Из «пушкинских» планов неосуществленными, увы, остались «Сказки». Они должны были войти в композицию об Арине Родионовне, но работу завершить не успели. Яхонтов очень хотел продемонстрировать народность поэзии в ее истоках, вне какой бы то ни было стилизации. В грамзаписи остались три «Песни о Стеньке Разине» — уникальный по многозвучию и эпическому размаху песенный триптих.
Много лет он хотел сыграть гоголевскую «Женитьбу», загадочную и не имевшую успеха гениальную пьесу. Читал ее часто, дома и в гостях, и, говорят, читал великолепно — «только интонацией и путем ракурса» представлял галерею женихов, мечтательную и грустную невесту и Подколесина, ищущего выход из «скверности» сначала в сватовстве, а потом в бегстве через окошко. «Очень хочется сыграть „Женитьбу“, но сейчас нужнее пушкинская „Полтава“, в ней звучат отголоски наших побед», — говорил он в конце войны и готовил «Полтаву», где тоже все «видел» — и Мазепу, и Кочубея, и то, как ходит и говорит Петр, — «как божия гроза…». Ему предлагали сделать композицию о войне из стихов современных поэтов, но он говорил, что «Полтава» лучше, в ней «про то же самое» написано так, что завтра не умрет.
Он открыл для себя Чехова. В 1940 году начал работу над его «Записными книжками». В письме из Магнитогорска: «Сейчас делаю исподволь Чехова». В другом письме перечислены рассказы, которые войдут в программу: «Шуточка», «Святой ночью», «Счастье», «День за городом», «Красавицы» — «всюду мечта людей о счастье, которое, наверно, где-то должно же быть», В той же последней беседе он сказал: «Играют Чехова, а бездушно. Кажется, Горький говорит о Чехове, что это Пушкин в прозе. Поэт. А вы этого никогда не чувствуете. А вот в старых спектаклях МХАТ это чувствовалось. На эстраде Чехова исполняют очень грубо, примитивно, думают, что он смешной. Не видят, какая там поэзия в языке, в слове».
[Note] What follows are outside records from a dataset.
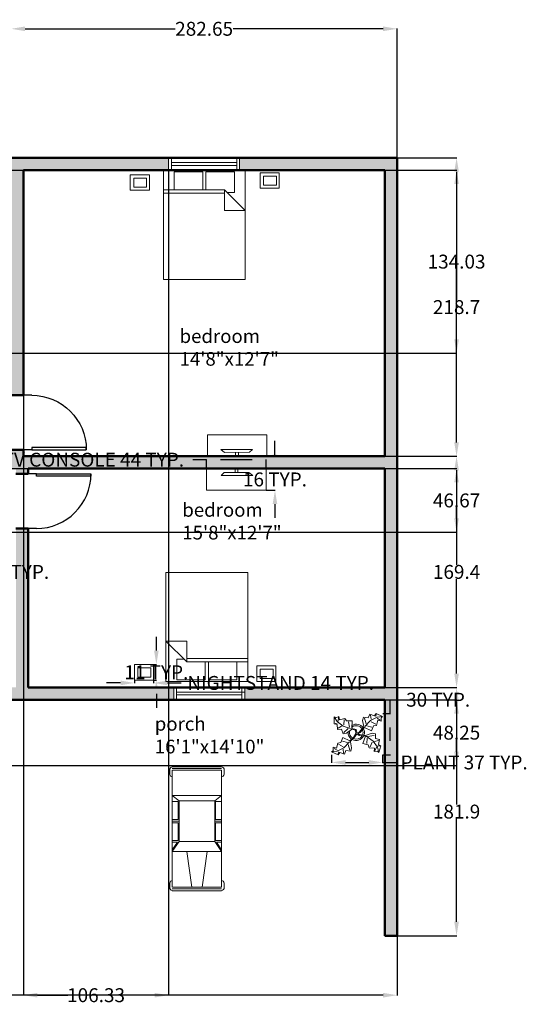
# Model space of a CAD drawing. Units: inches. Extents: x 12496 to 13538, y 6171 to 6892.
# Tile 6 of 6: x 13167 to 13538, y 6171 to 6892. Entities that reach past the tile are written whole.
import ezdxf

# ---------------------------------------------------------------- set-up
doc = ezdxf.new("R2010")
doc.units = ezdxf.units.IN
doc.header["$MEASUREMENT"] = 0
for name, color, linetype, lineweight in [('A-ANNO-DIMS', 2, 'Continuous', 18), ('A-AREA-IDEN', 7, 'Continuous', 25), ('A-DOOR', 3, 'Continuous', 25), ('A-EQPM-VEHI', 9, 'Continuous', 18), ('A-FURN', 8, 'Continuous', 18), ('A-GLAZ', 4, 'Continuous', 18), ('A-WALL', 7, 'Continuous', 50), ('L-PLNT', 3, 'Continuous', 18)]:
    doc.layers.add(name, color=color, linetype=linetype, lineweight=lineweight)
doc.layers.add('A-WALL-PATT', color=18, linetype='Continuous', lineweight=13, true_color=0x000000)
doc.styles.get("Standard").update_dxf_attribs({"font": 'arial.ttf'})
doc.dimstyles.get("Standard").update_dxf_attribs({"dimtxt": 10.18, "dimasz": 10.18, "dimexe": 0.18, "dimexo": 0.0625, "dimgap": 0.09, "dimtad": 0, "dimtih": 1, "dimtoh": 1, "dimdec": 0, "dimzin": 0, "dimdsep": 46, "dimlunit": 3, "dimtxsty": 'Standard', "dimcen": 0.09, "dimadec": 0, "dimazin": 0, "dimtfac": 1, "dimtdec": 0, "dimtofl": 0, "dimtmove": 0, "dimatfit": 3, "dimfxl": 1, "dimtolj": 1, "dimtzin": 0, "dimarcsym": 0})

# ---------------------------------------------------------------- blocks, each defined once
blk = doc.blocks.new('Bed - Queen')
for p, q in [((0, -80.00003), (0, 0)), ((0, 0), (59.99999, 0)), ((59.99999, 0), (59.99999, -80.00003)), ((7.99999, -1.2), (28.79998, -1.2)), ((7.99999, -14.4), (7.99999, -1.2)), ((28.79998, -1.2), (28.79998, -14.4)), ((31.19999, -1.2), (51.99999, -1.2)), ((31.19999, -14.4), (31.19999, -1.2)), ((51.99999, -1.2), (51.99999, -16.4)), ((0, -14.4), (44.8, -14.4)), ((59.99999, -29.6), (44.8, -14.4)), ((44.8, -14.4), (44.8, -29.6)), ((44.8, -16.8), (0, -16.8)), ((51.99999, -16.4), (46.79936, -16.4)), ((44.8, -29.6), (59.99999, -29.6)), ((59.99999, -80.00003), (0, -80.00003))]:
    blk.add_line(p, q)
blk = doc.blocks.new('Plant - Rubber or Philodendron')
for p, q in [((-16.2005, 11.4774), (-13.9899, 8.1064)), ((-16.2005, 11.4774), (-14.8639, 10.7964)), ((-16.0159, 6.3329), (-16.2005, 11.4774)), ((-14.8639, 10.7964), (-12.6195, 11.8975)), ((-13.9899, 8.1064), (-9.5434, 4.7185)), ((-13.3174, 8.325), (-13.0735, 11.0065)), ((-12.6195, 11.8975), (-12.1909, 9.4345)), ((-12.1909, 9.4345), (-8.3829, 10.3)), ((-8.8369, 9.409), (-9.0894, 5.6095)), ((-8.3829, 10.3), (-7.0549, 8.501)), ((-7.0549, 8.501), (-3.0284, 8.6941)), ((-4.8529, 4.012), (-5.7184, 7.82)), ((-3.0284, 8.6941), (-3.0709, 3.1041)), ((4.6914, 8.8812), (5.3859, 11.2828)), ((4.6914, 8.8812), (5.5014, 4.4831)), ((5.3859, 11.2828), (8.8871, 10.7908)), ((5.9878, 10.4842), (7.1971, 6.3869)), ((10.3916, 8.7942), (6.2847, 4.4028)), ((8.8871, 10.7908), (9.9809, 13.4933)), ((9.9809, 13.4933), (13.3837, 12.301)), ((15.3859, 11.3055), (10.3916, 8.7942)), ((10.5828, 12.6946), (10.8893, 9.7953)), ((14.2977, 6.1031), (10.9934, 7.9956)), ((13.3837, 12.301), (14.68, 13.9039)), ((14.5816, 13.2037), (14.3848, 11.8033)), ((14.68, 13.9039), (19.3848, 11.8146)), ((15.7909, 9.1065), (14.8995, 5.3044)), ((15.2875, 10.6053), (17.5907, 9.2105)), ((19.3848, 11.8146), (15.3859, 11.3055)), ((18.1925, 8.4119), (15.7909, 9.1065)), ((19.3848, 11.8146), (18.1868, 10.9119)), ((18.1868, 10.9119), (18.1925, 8.4119)), ((-14.0069, 5.8704), (-16.0159, 6.3329)), ((-15.3434, 6.5514), (-13.9984, 6.9884)), ((-13.5868, 2.2894), (-14.0069, 5.8704)), ((-10.6784, 2.491), (-13.5868, 2.2894)), ((-13.1329, 3.1804), (-10.6614, 4.727)), ((-9.5858, -0.8715), (-10.6784, 2.491)), ((-9.5434, 4.7185), (-4.1917, 2.9888)), ((-9.1318, 0.0195), (-5.9793, 2.9025)), ((-7.1228, -0.443), (-3.5248, 2.2131)), ((-3.5248, 2.2131), (-3.3011, 2.4355)), ((-3.3011, 2.4355), (-0.5306, 1.7947)), ((-3.0709, 3.1041), (0.0797, 2.3163)), ((-0.5306, 1.7947), (-0.2255, -0.5527)), ((-0.5306, 1.7947), (-0.5306, 1.7947)), ((0.0797, 2.3163), (0.4866, -0.031)), ((0.4866, -0.031), (2.1141, 0.2298)), ((2.1141, 0.2298), (5.4346, 3.9146)), ((6.1032, 3.6844), (2.8262, -0.031)), ((5.4346, 3.9146), (5.5014, 4.4831)), ((11.1089, 1.1958), (6.1032, 3.6844)), ((7.7005, 4.8881), (11.5025, 3.9967)), ((12.7005, 4.8994), (11.1089, 1.1958)), ((14.8995, 5.3044), (12.7005, 4.8994)), ((-11.3237, -7.2629), (-9.7321, -3.5593)), ((-6.3237, -7.2516), (-10.1257, -6.3602)), ((-9.7321, -3.5593), (-4.7264, -6.0479)), ((-7.1228, -0.443), (-9.5858, -0.8715)), ((-9.0148, -11.1577), (-4.9047, -6.8122)), ((-2.019, -3.6148), (-4.7264, -6.0479)), ((-4.1246, -6.8466), (-4.0579, -6.2781)), ((-3.3146, -11.2447), (-4.1246, -6.8466)), ((-4.0579, -6.2781), (-0.9375, -3.1608)), ((-2.019, -3.6148), (-0.2255, -0.5527)), ((-0.9375, -3.1608), (0.5883, -0.8135)), ((0.5883, -0.8135), (2.2447, -2.0916)), ((2.8262, -0.031), (1.3003, -0.5527)), ((1.3003, -0.5527), (2.4193, -1.4655)), ((2.2447, -2.0916), (6.7108, -2.6626)), ((2.4193, -1.4655), (6.895, -2.1175)), ((4.943, -7.9659), (6.7108, -2.6626)), ((11.6605, -0.5413), (6.895, -2.1175)), ((12.3677, -6.1981), (7.219, -2.6772)), ((8.125, -4.0768), (7.7715, -7.9659)), ((8.3544, -2.7453), (13.1973, -2.1704)), ((10.2463, -10.4408), (11.6605, -6.9053)), ((11.6605, -0.5413), (14.1354, -0.8948)), ((15.5496, -10.7943), (12.3677, -6.1981)), ((16.2567, -5.8446), (13.4283, -6.5517)), ((14.1354, -0.8948), (14.1354, -4.4304)), ((14.1354, -4.4304), (16.9638, -5.1375)), ((16.9638, -5.1375), (16.2567, -8.673)), ((-18.008, -14.1781), (-16.8101, -13.2754)), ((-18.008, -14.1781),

Постоянные размышления о путях искусства, о том, что в нем вечно и «завтра не умрет», привели к неожиданной идее, очень увлекшей — сделать композицию по книге Станиславского «Моя жизнь в искусстве». Яхонтов не ошибался, полагая, что самое время «пройтись губкой по холсту», чтобы портрет ожил, а публика изумилась бы: «Что это? Ведь это, однако же, натура, живая натура… Глядит, глядит человеческими глазами!»
Еще перед войной была вчерне готова композиция «Квартет»: Державин — Пушкин — Маяковский — Хлебников. Ввиду неполной ясности того, насколько экспериментальный замысел «созвучен современности», программа не была выпущена.